O radio-oncologista Carlos Lima Júnior (foto), da clínica de Radioterapia São Sebastião, em Santa Catarina, comenta estudo de Fase III publicado em maio no Lancet Oncology e discute: após a publicação dos resultados de estudo japonês1, existe papel para a radioterapia cerebral profilática em respondedores à quimioterapia no CPPC avançado?
Por Carlos Lima Junior, radio-oncologista da clínica de Radioterapia São Sebastião
RT no CPPC com doença extensa, existe papel após resposta à QT?
A edição de maio de 2017 do periódico The Lancet Oncology traz estudo de Fase III multicêntrico randomizado, comparando irradiação cerebral profilática (ICP) com observação em pacientes com tumores pulmonares de pequenas células com doença extensa, respondedores à quimioterapia1.
Estudo randomizado prévio da EORTC (European Organization for Research and Treatment of Cancer)2 atestou aumento da sobrevida global de 13,3 meses (pacientes sem irradiação) para 27,1 meses em pacientes submetidos a ICP após resposta na doença extensa.
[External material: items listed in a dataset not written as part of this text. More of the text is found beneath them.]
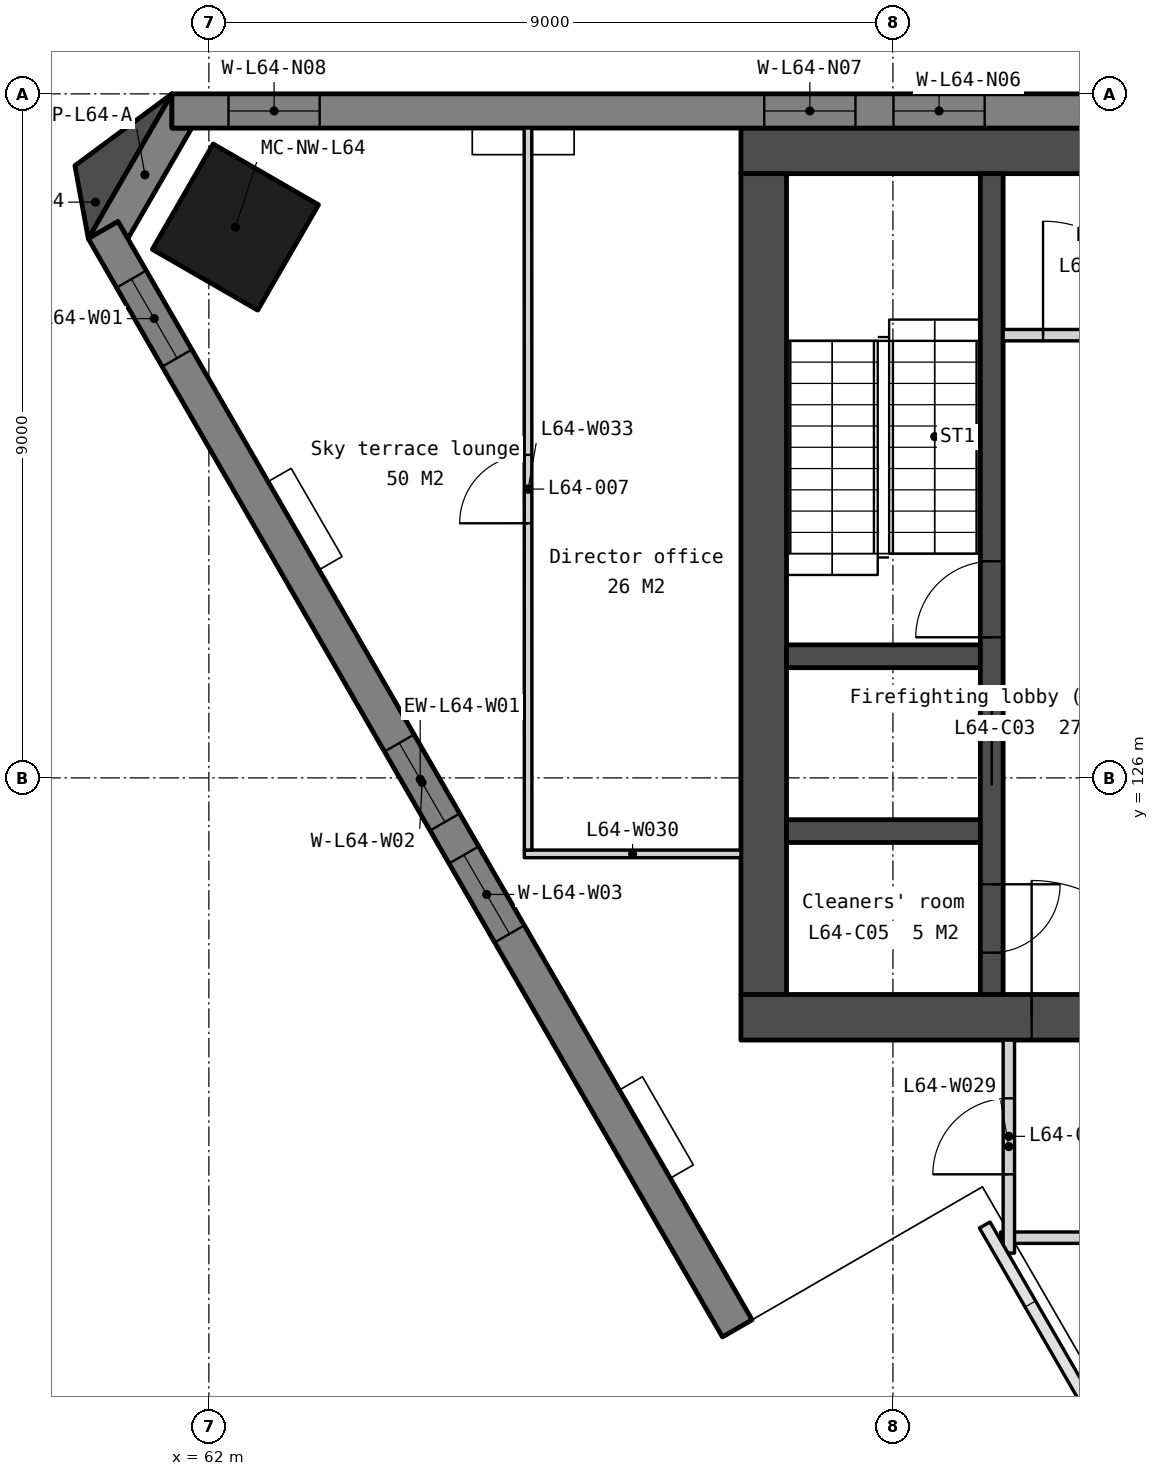
"""IFC4 building model, lengths in metres.
Left out: names, types, materials, properties, quantities, classifications, styles, units other than length and angle.
Written with IfcOpenShell. Run it as: python <this file> out.ifc"""

import sys

from ifc_helpers import new_model, si_unit, direction, frame, frame_2d, origin, origin_2d, place, context, subcontext, project, spatial, polyline, rectangle, outline, extrude, element, fill, save


model = new_model("IFC4")
c1 = context("Model", 3, precision=1e-05, world=origin(), true_north=direction((0.0, 1.0)))
c2 = subcontext(c1, "Body", "Model", "MODEL_VIEW")
j1 = project(units=[si_unit("LENGTHUNIT", "METRE"), si_unit("PLANEANGLEUNIT", "RADIAN")], contexts=[c1])
p1 = place(None, origin())
s1 = spatial("IfcSite", under=j1, at=p1, CompositionType="ELEMENT")
p2 = place(p1, origin())
s2 = spatial("IfcBuilding", under=s1, at=p2, CompositionType="ELEMENT")
p3 = place(p2, frame((0.0, 0.0, 262.1)))
s3 = spatial("IfcBuildingStorey", under=s2, at=p3, CompositionType="ELEMENT", Elevation=262.1)
p4 = place(p3, frame((62.349, 133.247, 0.0), z_axis=(0.0, 0.0, 1.0), x_axis=(-0.5, -0.866025403784, 0.0)))
e1 = element("IfcColumn", 1, at=p4, inside=s3, PredefinedType="COLUMN", context=c2, shape_type="SweptSolid", body=[
    extrude(rectangle(XDim=1.6, YDim=1.6, at=origin_2d()), origin(), (0.0, 0.0, 1.0), 3.9),
])
p5 = place(p3, frame((69.0, 134.25, 0.0), z_axis=(0.0, 0.0, 1.0), x_axis=(1.0, 0.0, 0.0)))
e2 = element("IfcWall", 2, at=p5, inside=s3, PredefinedType="SOLIDWALL", context=c2, shape_type="SweptSolid", body=[
    extrude(rectangle(XDim=22.0, YDim=0.6, at=frame_2d((11.0, 0.0))), origin(), (0.0, 0.0, 1.0), 3.75),
])
p6 = place(p3, frame((69.3, 133.95, 0.0), z_axis=(0.0, 0.0, 1.0), x_axis=(0.0, -1.0, 0.0)))
e3 = element("IfcWall", 3, at=p6, inside=s3, PredefinedType="SOLIDWALL", context=c2, shape_type="SweptSolid", body=[
    extrude(rectangle(XDim=10.8, YDim=0.6, at=frame_2d((5.4, 0.0))), origin(), (0.0, 0.0, 1.0), 3.75),
])
p7 = place(p3, frame((69.0, 122.85, 0.0), z_axis=(0.0, 0.0, 1.0), x_axis=(1.0, 0.0, 0.0)))
e4 = element("IfcWall", 4, at=p7, inside=s3, PredefinedType="SOLIDWALL", context=c2, shape_type="SweptSolid", body=[
    extrude(rectangle(XDim=22.0, YDim=0.6, at=frame_2d((11.0, 0.0))), origin(), (0.0, 0.0, 1.0), 3.75),
])
p8 = place(p7, frame((16.375, 0.0, 0.0)))
e5 = element("IfcOpeningElement", 5, at=p8, cuts=e4, PredefinedType="OPENING", context=c2, shape_type="SweptSolid", body=[
    extrude(rectangle(XDim=1.8, YDim=2.1, at=frame_2d((0.9, 1.05))), frame((0.0, 0.31, 0.0), z_axis=(0.0, -1.0, 0.0), x_axis=(1.0, 0.0, 0.0)), (0.0, 0.0, 1.0), 0.62),
])
p9 = place(p7, frame((3.825, 0.0, 0.0)))
e6 = element("IfcOpeningElement", 6, at=p9, cuts=e4, PredefinedType="OPENING", context=c2, shape_type="SweptSolid", body=[
    extrude(rectangle(XDim=1.8, YDim=2.1, at=frame_2d((0.9, 1.05))), frame((0.0, 0.31, 0.0), z_axis=(0.0, -1.0, 0.0), x_axis=(1.0, 0.0, 0.0)), (0.0, 0.0, 1.0), 0.62),
])
p10 = place(p7, frame((12.85, 0.0, 0.0)))
e7 = element("IfcOpeningElement", 7, at=p10, cuts=e4, PredefinedType="OPENING", context=c2, shape_type="SweptSolid", body=[
    extrude(rectangle(XDim=1.5, YDim=2.1, at=frame_2d((0.75, 1.05))), frame((0.0, 0.31, 0.0), z_axis=(0.0, -1.0, 0.0), x_axis=(1.0, 0.0, 0.0)), (0.0, 0.0, 1.0), 0.62),
])
for number, where, z_axis, x_axis in (
    (8, (69.6, 127.6, 0.0), (0.0, 0.0, 1.0), (1.0, 0.0, 0.0)),
    (9, (69.6, 125.3, 0.0), (0.0, 0.0, 1.0), (1.0, 0.0, 0.0)),
):
    element("IfcWall", number, at=place(p3, frame(where, z_axis=z_axis, x_axis=x_axis)), inside=s3, PredefinedType="SOLIDWALL", context=c2, shape_type="SweptSolid", body=[
        extrude(rectangle(XDim=2.55, YDim=0.3, at=frame_2d((1.275, 0.0))), origin(), (0.0, 0.0, 1.0), 3.75),
    ])
p11 = place(p3, frame((72.3, 133.95, 0.0), z_axis=(0.0, 0.0, 1.0), x_axis=(0.0, -1.0, 0.0)))
e10 = element("IfcWall", 10, at=p11, inside=s3, PredefinedType="SOLIDWALL", context=c2, shape_type="SweptSolid", body=[
    extrude(rectangle(XDim=10.8, YDim=0.3, at=frame_2d((5.4, 0.0))), origin(), (0.0, 0.0, 1.0), 3.75),
])
p12 = place(p11, frame((6.95, 0.0, 0.0)))
e11 = element("IfcOpeningElement", 11, at=p12, cuts=e10, PredefinedType="OPENING", context=c2, shape_type="SweptSolid", body=[
    extrude(rectangle(XDim=1.1, YDim=2.1, at=frame_2d((0.55, 1.05))), frame((0.0, 0.16, 0.0), z_axis=(0.0, -1.0, 0.0), x_axis=(1.0, 0.0, 0.0)), (0.0, 0.0, 1.0), 0.32),
])
p13 = place(p11, frame((9.35, 0.0, 0.0)))
e12 = element("IfcOpeningElement", 12, at=p13, cuts=e10, PredefinedType="OPENING", context=c2, shape_type="SweptSolid", body=[
    extrude(rectangle(XDim=0.9, YDim=2.1, at=frame_2d((0.45, 1.05))), frame((0.0, 0.16, 0.0), z_axis=(0.0, -1.0, 0.0), x_axis=(1.0, 0.0, 0.0)), (0.0, 0.0, 1.0), 0.32),
])
p14 = place(p11, frame((5.1, 0.0, 0.0)))
e13 = element("IfcOpeningElement", 13, at=p14, cuts=e10, PredefinedType="OPENING", context=c2, shape_type="SweptSolid", body=[
    extrude(rectangle(XDim=1.0, YDim=2.1, at=frame_2d((0.5, 1.05))), frame((0.0, 0.16, 0.0), z_axis=(0.0, -1.0, 0.0), x_axis=(1.0, 0.0, 0.0)), (0.0, 0.0, 1.0), 0.32),
])
p15 = place(p3, frame((72.45, 131.825, 0.0), z_axis=(0.0, 0.0, 1.0), x_axis=(1.0, 0.0, 0.0)))
e14 = element("IfcWall", 14, at=p15, inside=s3, PredefinedType="PARTITIONING", context=c2, shape_type="SweptSolid", body=[
    extrude(rectangle(XDim=3.45, YDim=0.15, at=frame_2d((1.725, 0.0))), origin(), (0.0, 0.0, 1.0), 3.75),
])
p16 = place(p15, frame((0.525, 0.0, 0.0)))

Contudo, no estudo da EORTC o exame de imagem cerebral não foi mandatório (efetuado em apenas 29% dos pacientes), o percentual de pacientes com resposta completa não foi relatado – e são os que mais se beneficiam da irradiação cerebral - e houve muita variação de dose e fracionamento na radioterapia prescrita.
O grupo japonês conduziu o atual estudo randomizando pacientes com qualquer resposta após pelo menos 2 ciclos de quimioterapia baseada em cisplatina e sem metástases cerebrais à ressonância ou recrescimento do tumor torácico. A radioterapia cerebral era uniformemente prescrita como 25Gy em 10 frações e os pacientes eram seguidos com ressonâncias a cada 3 meses no primeiro ano de seguimento, e posteriormente aos 18 meses de seguimento e aos 24 meses.
Na análise interina planejada dos primeiros 163 pacientes alocados, a probabilidade preditiva Bayesian de que a IPC fosse superior à observação foi de apenas 0,011%, levando ao término precoce do estudo. A análise final demonstrou sobrevidas médias de 11,6 meses no grupo irradiado e de 13,7 meses no grupo observado. As sobrevidas globais em 1 ano foram, para o grupo não-tratado e o irradiado, respectivamente, 48% x 54%, sem diferença estatística, apesar de terem se desenvolvido mais metástases cerebrais no grupo apenas observado (69% x 48%).
No estudo da EORTC, a maior incidência de metástases cerebrais sintomáticas no grupo observado (40,4% x 14,6% em 1 ano) resultou em menor sobrevida, fato que não se deu no estudo japonês. Os autores asiáticos atribuem este achado à administração de irradiação cerebral terapêutica nos pacientes inicialmente observados e à utilização em maior frequência de quimioterapia de terceira ou quarta linhas, quando da recidiva, no grupo observado.
Os próprios autores do estudo nipônico advertem que seus resultados podem não ser aplicáveis à comunidade global de pacientes. A utilização frequente de ressonâncias no seguimento pode não ser factível: ela é aplicável no Japão, que possui 47 unidades de ressonância por 106 habitantes, a maior taxa do mundo. Não há estudos de custo-efetividade abordando o uso do exame no seguimento.
Outro ponto importante é considerar como diferenças étnicas podem existir na resposta à irradiação. A literatura discute amplamente diferenças relativas a efeitos adversos e resposta às drogas quando se comparam diferentes etnias, o que sugere que os resultados do estudo asiático podem não ser extrapoláveis para a população ocidental.
Ben Slotman, um dos autores do estudo da EORTC, escreve o comentário do artigo do grupo japonês3 e fundamenta sua argumentação considerando que cada centro do país asiático contribuiu com apenas 1 paciente/ano; o uso da ressonância tão frequentemente no seguimento pode gerar custos (aspecto já discutido pelos próprios autores do trabalho) e ansiedade injustificados nos pacientes.
A partir das considerações expostas no Comentário e das limitações arroladas pelos próprios autores do estudo, revela-se prematura a proposta de abolir a irradiação cerebral profilática neste cenário clínico. Continuamos a advogá-la, dada a evidência até o presente, não refutada por este novo ensaio clínico.